# Bandai UFO Interceptor with custom decals



## PhilipMarlowe (Jan 23, 2004)

Here's something I've been playing with for awhile, I always liked the Bandai Interceptor kit, but hated the inaccurate and mis-translated decals. So I made a bunch of new ones, 73 to be exact. Thanks to Anthony Taylor, who helped me gather research on the original markings. Hull's painted with Tamiya Matte White, the silver is Duplicolor auto lacquer, "Radiant Metallic Silver".



















I think I'm pretty close to the originals, though a lot of it is guess work since they didn't document the originals markings very well.


----------



## F91 (Mar 3, 2002)

Looks great! Do you have the missile and canopy? The box art was pretty nifty for this kit. Did you use it for marking references?


----------



## PhilipMarlowe (Jan 23, 2004)

Yeah, I've got the canopy and missile, but no box. I bought this already badly built with yellowed decals at a garage sale years ago, I stripped everything with Easy-Off. The previous owner had painted the canopy, the reason why became obvious when I removed it, he lost the pilot's head. Whatever paint he used seriously screwed up the canopy, it was so badly crazed and pebbled I just sanded it smooth and painted it gloss black again.

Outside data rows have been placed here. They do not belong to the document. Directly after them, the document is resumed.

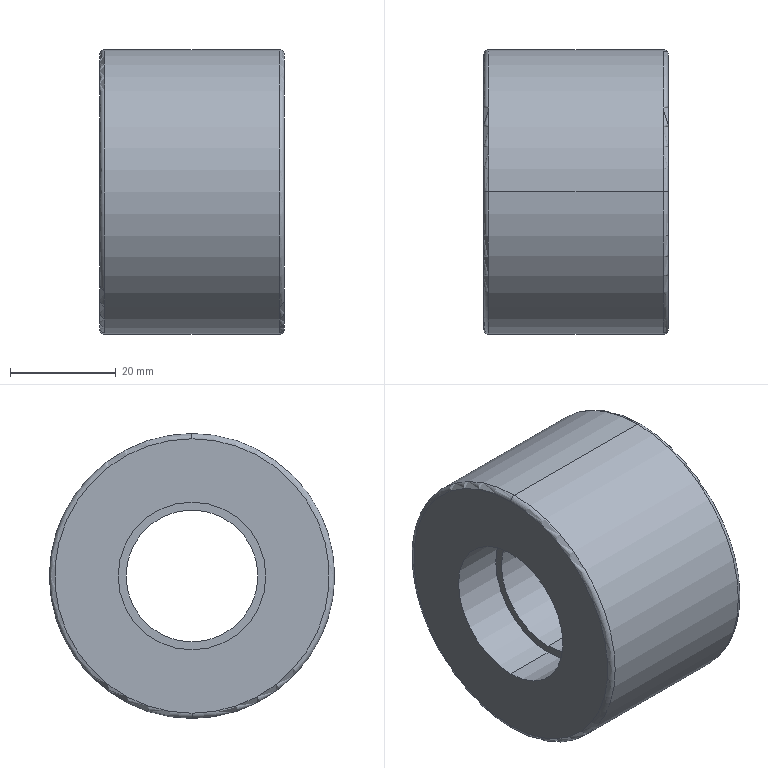Component | SolidWorks | CHEN123-AA-09-1 | 1 solid | 16 faces | box 35 x 54 x 54 mm | volume 60407 mm3 | cylinder 8 | torus 4 | plane 4 | commonest cylinder face diameters 28 x4 54 x2 25 x2
build123d program:
from build123d import *

# Parameters (mm, degrees)
SKETCH1_R           = 27
BOSS_EXTRUDE1_DEPTH = 17.5
SKETCH2_R           = 12.5
CUT_EXTRUDE1_DEPTH  = 52.798
SKETCH3_R           = 14
CUT_EXTRUDE2_DEPTH  = 10
CUT_EXTRUDE3_START  = -10
SKETCH4_R           = 14
CUT_EXTRUDE3_DEPTH  = 10
FILLET1_R           = 1


with BuildPart() as part:
    # Sketch1 → Boss-Extrude1 (new, symmetric)
    with BuildSketch(Plane.XY):
        Circle(SKETCH1_R)
    extrude(amount=BOSS_EXTRUDE1_DEPTH, both=True)

    # Sketch2 → Cut-Extrude1 (cut, through all)
    with BuildSketch(Plane.XY.offset(17.5)):
        Circle(SKETCH2_R)
    extrude(amount=-CUT_EXTRUDE1_DEPTH, mode=Mode.SUBTRACT)

    # Sketch3 → Cut-Extrude2 (cut)
    with BuildSketch(Plane.XY.offset(17.5)):
        Circle(SKETCH3_R)
    extrude(amount=-CUT_EXTRUDE2_DEPTH, mode=Mode.SUBTRACT)

    # Sketch4 → Cut-Extrude3 (cut)
    with BuildSketch(Plane(origin=(0, 0, -17.5), x_dir=(-1, 0, 0), z_dir=(0, 0, -1)).offset(CUT_EXTRUDE3_START)):
        with Locations(Location((0, 0, 0), (0, 0, 180))):
            Circle(SKETCH4_R)
    extrude(amount=CUT_EXTRUDE3_DEPTH, mode=Mode.SUBTRACT)

    # Fillet1
    fillet1_edges = [part.edges().sort_by_distance(p)[0] for p in [
        (-27, 0, -17.5),
        (-27, 0, 17.5),
    ]]
    fillet(fillet1_edges, radius=FILLET1_R)


solid = part.part

# Placed as in the assembly
solid = solid.moved(Location((-0.0005, 4.001, 34), (0, 90, 0)))
STEP:
#1=COLOUR_RGB('',0.7922,0.8196,0.9333);
#2=FILL_AREA_STYLE_COLOUR('',#1);
#3=FILL_AREA_STYLE('',(#2));
#4=SURFACE_STYLE_FILL_AREA(#3);
#5=SURFACE_SIDE_STYLE('',(#4));
#6=SURFACE_STYLE_USAGE(.BOTH.,#5);
#7=PRESENTATION_STYLE_ASSIGNMENT((#6));
#8=CARTESIAN_POINT('',(0.6496,0.1575,2.402));
#9=VERTEX_POINT('',#8);
#10=CARTESIAN_POINT('',(0.6496,0.1575,0.2756));
#11=VERTEX_POINT('',#10);
#12=CARTESIAN_POINT('',(0.6496,0.1575,1.339));
#13=DIRECTION('',(-1.,0.,0.));
#14=DIRECTION('',(0.,0.,-1.));
#15=AXIS2_PLACEMENT_3D('',#12,#13,#14);
#16=CIRCLE('',#15,1.063);
#17=EDGE_CURVE('',#9,#11,#16,.T.);
#18=ORIENTED_EDGE('',*,*,#17,.F.);
#19=CARTESIAN_POINT('',(0.689,0.1575,2.362));
#20=VERTEX_POINT('',#19);
#21=CARTESIAN_POINT('',(0.6496,0.1575,2.362));
#22=DIRECTION('',(0.,1.,-0.));
#23=DIRECTION('',(0.,0.,1.));
#24=AXIS2_PLACEMENT_3D('',#21,#22,#23);
#25=CIRCLE('',#24,0.03937);
#26=EDGE_CURVE('',#9,#20,#25,.T.);
#27=ORIENTED_EDGE('',*,*,#26,.T.);
#28=CARTESIAN_POINT('',(0.689,0.1575,0.315));
#29=VERTEX_POINT('',#28);
#30=CARTESIAN_POINT('',(0.689,0.1575,1.339));
#31=DIRECTION('',(1.,0.,0.));
#32=DIRECTION('',(0.,0.,-1.));
#33=AXIS2_PLACEMENT_3D('',#30,#31,#32);
#34=CIRCLE('',#33,1.024);
#35=EDGE_CURVE('',#29,#20,#34,.T.);
#36=ORIENTED_EDGE('',*,*,#35,.F.);
#37=CARTESIAN_POINT('',(0.6496,0.1575,0.315));
#38=DIRECTION('',(0.,-1.,0.));
#39=DIRECTION('',(0.,0.,-1.));
#40=AXIS2_PLACEMENT_3D('',#37,#38,#39);
#41=CIRCLE('',#40,0.03937);
#42=EDGE_CURVE('',#11,#29,#41,.T.);
#43=ORIENTED_EDGE('',*,*,#42,.F.);
#44=EDGE_LOOP('',(#18,#27,#36,#43));
#45=FACE_OUTER_BOUND('',#44,.T.);
#46=CARTESIAN_POINT('',(0.6496,0.1575,1.339));
#47=DIRECTION('',(1.,0.,0.));
#48=DIRECTION('',(0.,0.,-1.));
#49=AXIS2_PLACEMENT_3D('',#46,#47,#48);
#50=TOROIDAL_SURFACE('',#49,1.024,0.03937);
#51=ADVANCED_FACE('',(#45),#50,.T.);
#52=CARTESIAN_POINT('',(-0.689,0.1575,2.362));
#53=VERTEX_POINT('',#52);
#54=CARTESIAN_POINT('',(-0.689,0.1575,0.315));
#55=VERTEX_POINT('',#54);
#56=CARTESIAN_POINT('',(-0.689,0.1575,1.339));
#57=DIRECTION('',(-1.,0.,0.));
#58=DIRECTION('',(0.,0.,-1.));
#59=AXIS2_PLACEMENT_3D('',#56,#57,#58);
#60=CIRCLE('',#59,1.024);
#61=EDGE_CURVE('',#53,#55,#60,.T.);
#62=ORIENTED_EDGE('',*,*,#61,.F.);
#63=CARTESIAN_POINT('',(-0.6496,0.1575,2.402));
#64=VERTEX_POINT('',#63);
#65=CARTESIAN_POINT('',(-0.6496,0.1575,2.362));
#66=DIRECTION('',(0.,1.,-0.));
#67=DIRECTION('',(0.,0.,1.));
#68=AXIS2_PLACEMENT_3D('',#65,#66,#67);
#69=CIRCLE('',#68,0.03937);
#70=EDGE_CURVE('',#53,#64,#69,.T.);
#71=ORIENTED_EDGE('',*,*,#70,.T.);
#72=CARTESIAN_POINT('',(-0.6496,0.1575,0.2756));
#73=VERTEX_POINT('',#72);
#74=CARTESIAN_POINT('',(-0.6496,0.1575,1.339));
#75=DIRECTION('',(1.,0.,0.));
#76=DIRECTION('',(0.,0.,-1.));
#77=AXIS2_PLACEMENT_3D('',#74,#75,#76);
#78=CIRCLE('',#77,1.063);
#79=EDGE_CURVE('',#73,#64,#78,.T.);
#80=ORIENTED_EDGE('',*,*,#79,.F.);
#81=CARTESIAN_POINT('',(-0.6496,0.1575,0.315));
#82=DIRECTION('',(0.,-1.,0.));
#83=DIRECTION('',(0.,0.,-1.));
#84=AXIS2_PLACEMENT_3D('',#81,#82,#83);
#85=CIRCLE('',#84,0.03937);
#86=EDGE_CURVE('',#55,#73,#85,.T.);
#87=ORIENTED_EDGE('',*,*,#86,.F.);
#88=EDGE_LOOP('',(#62,#71,#80,#87));
#89=FACE_OUTER_BOUND('',#88,.T.);
#90=CARTESIAN_POINT('',(-0.6496,0.1575,1.339));
#91=DIRECTION('',(1.,0.,0.));
#92=DIRECTION('',(0.,0.,-1.));
#93=AXIS2_PLACEMENT_3D('',#90,#91,#92);
#94=TOROIDAL_SURFACE('',#93,1.024,0.03937);
#95=ADVANCED_FACE('',(#89),#94,.T.);
#96=CARTESIAN_POINT('',(-0.2953,0.1575,0.7874));
#97=VERTEX_POINT('',#96);
#98=CARTESIAN_POINT('',(-0.2953,0.1575,1.89));
#99=VERTEX_POINT('',#98);
#100=CARTESIAN_POINT('',(-0.2953,0.1575,1.339));
#101=DIRECTION('',(-1.,0.,0.));
#102=DIRECTION('',(0.,0.,1.));
#103=AXIS2_PLACEMENT_3D('',#100,#101,#102);
#104=CIRCLE('',#103,0.5512);
#105=EDGE_CURVE('',#97,#99,#104,.T.);
#106=ORIENTED_EDGE('',*,*,#105,.F.);
#107=CARTESIAN_POINT('',(-0.689,0.1575,0.7874));
#108=VERTEX_POINT('',#107);
#109=CARTESIAN_POINT('',(-0.2953,0.1575,0.7874));
#110=DIRECTION('',(-1.,0.,0.));
#111=VECTOR('',#110,39.37);
#112=LINE('',#109,#111);
#113=EDGE_CURVE('',#97,#108,#112,.T.);
#114=ORIENTED_EDGE('',*,*,#113,.T.);
#115=CARTESIAN_POINT('',(-0.689,0.1575,1.89));
#116=VERTEX_POINT('',#115);
#117=CARTESIAN_POINT('',(-0.689,0.1575,1.339));
#118=DIRECTION('',(-1.,0.,0.));
#119=DIRECTION('',(0.,0.,1.));
#120=AXIS2_PLACEMENT_3D('',#117,#118,#119);
#121=CIRCLE('',#120,0.5512);
#122=EDGE_CURVE('',#108,#116,#121,.T.);
#123=ORIENTED_EDGE('',*,*,#122,.T.);
#124=CARTESIAN_POINT('',(-0.2953,0.1575,1.89));
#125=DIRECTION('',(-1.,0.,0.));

I also removed the inaccurately shaped last set of legs and made some new ones from wire, I'll post more pictures when it's all assembled. I was just pretty stoked about the way decals worked with clear decal paper on the white finish, they were a lot of work.This was kind of a warm-up, I'll use the same decals on a studio scale fiberglass Interceptor I bought from Nightsky a while back, it didn't have decals(and needs a LOT of work!). 

Best source of pictures that show the Interceptor markings is below. Sadly, the original Interceptor models got in pretty rough condition before anybody thought to photograph them carefully.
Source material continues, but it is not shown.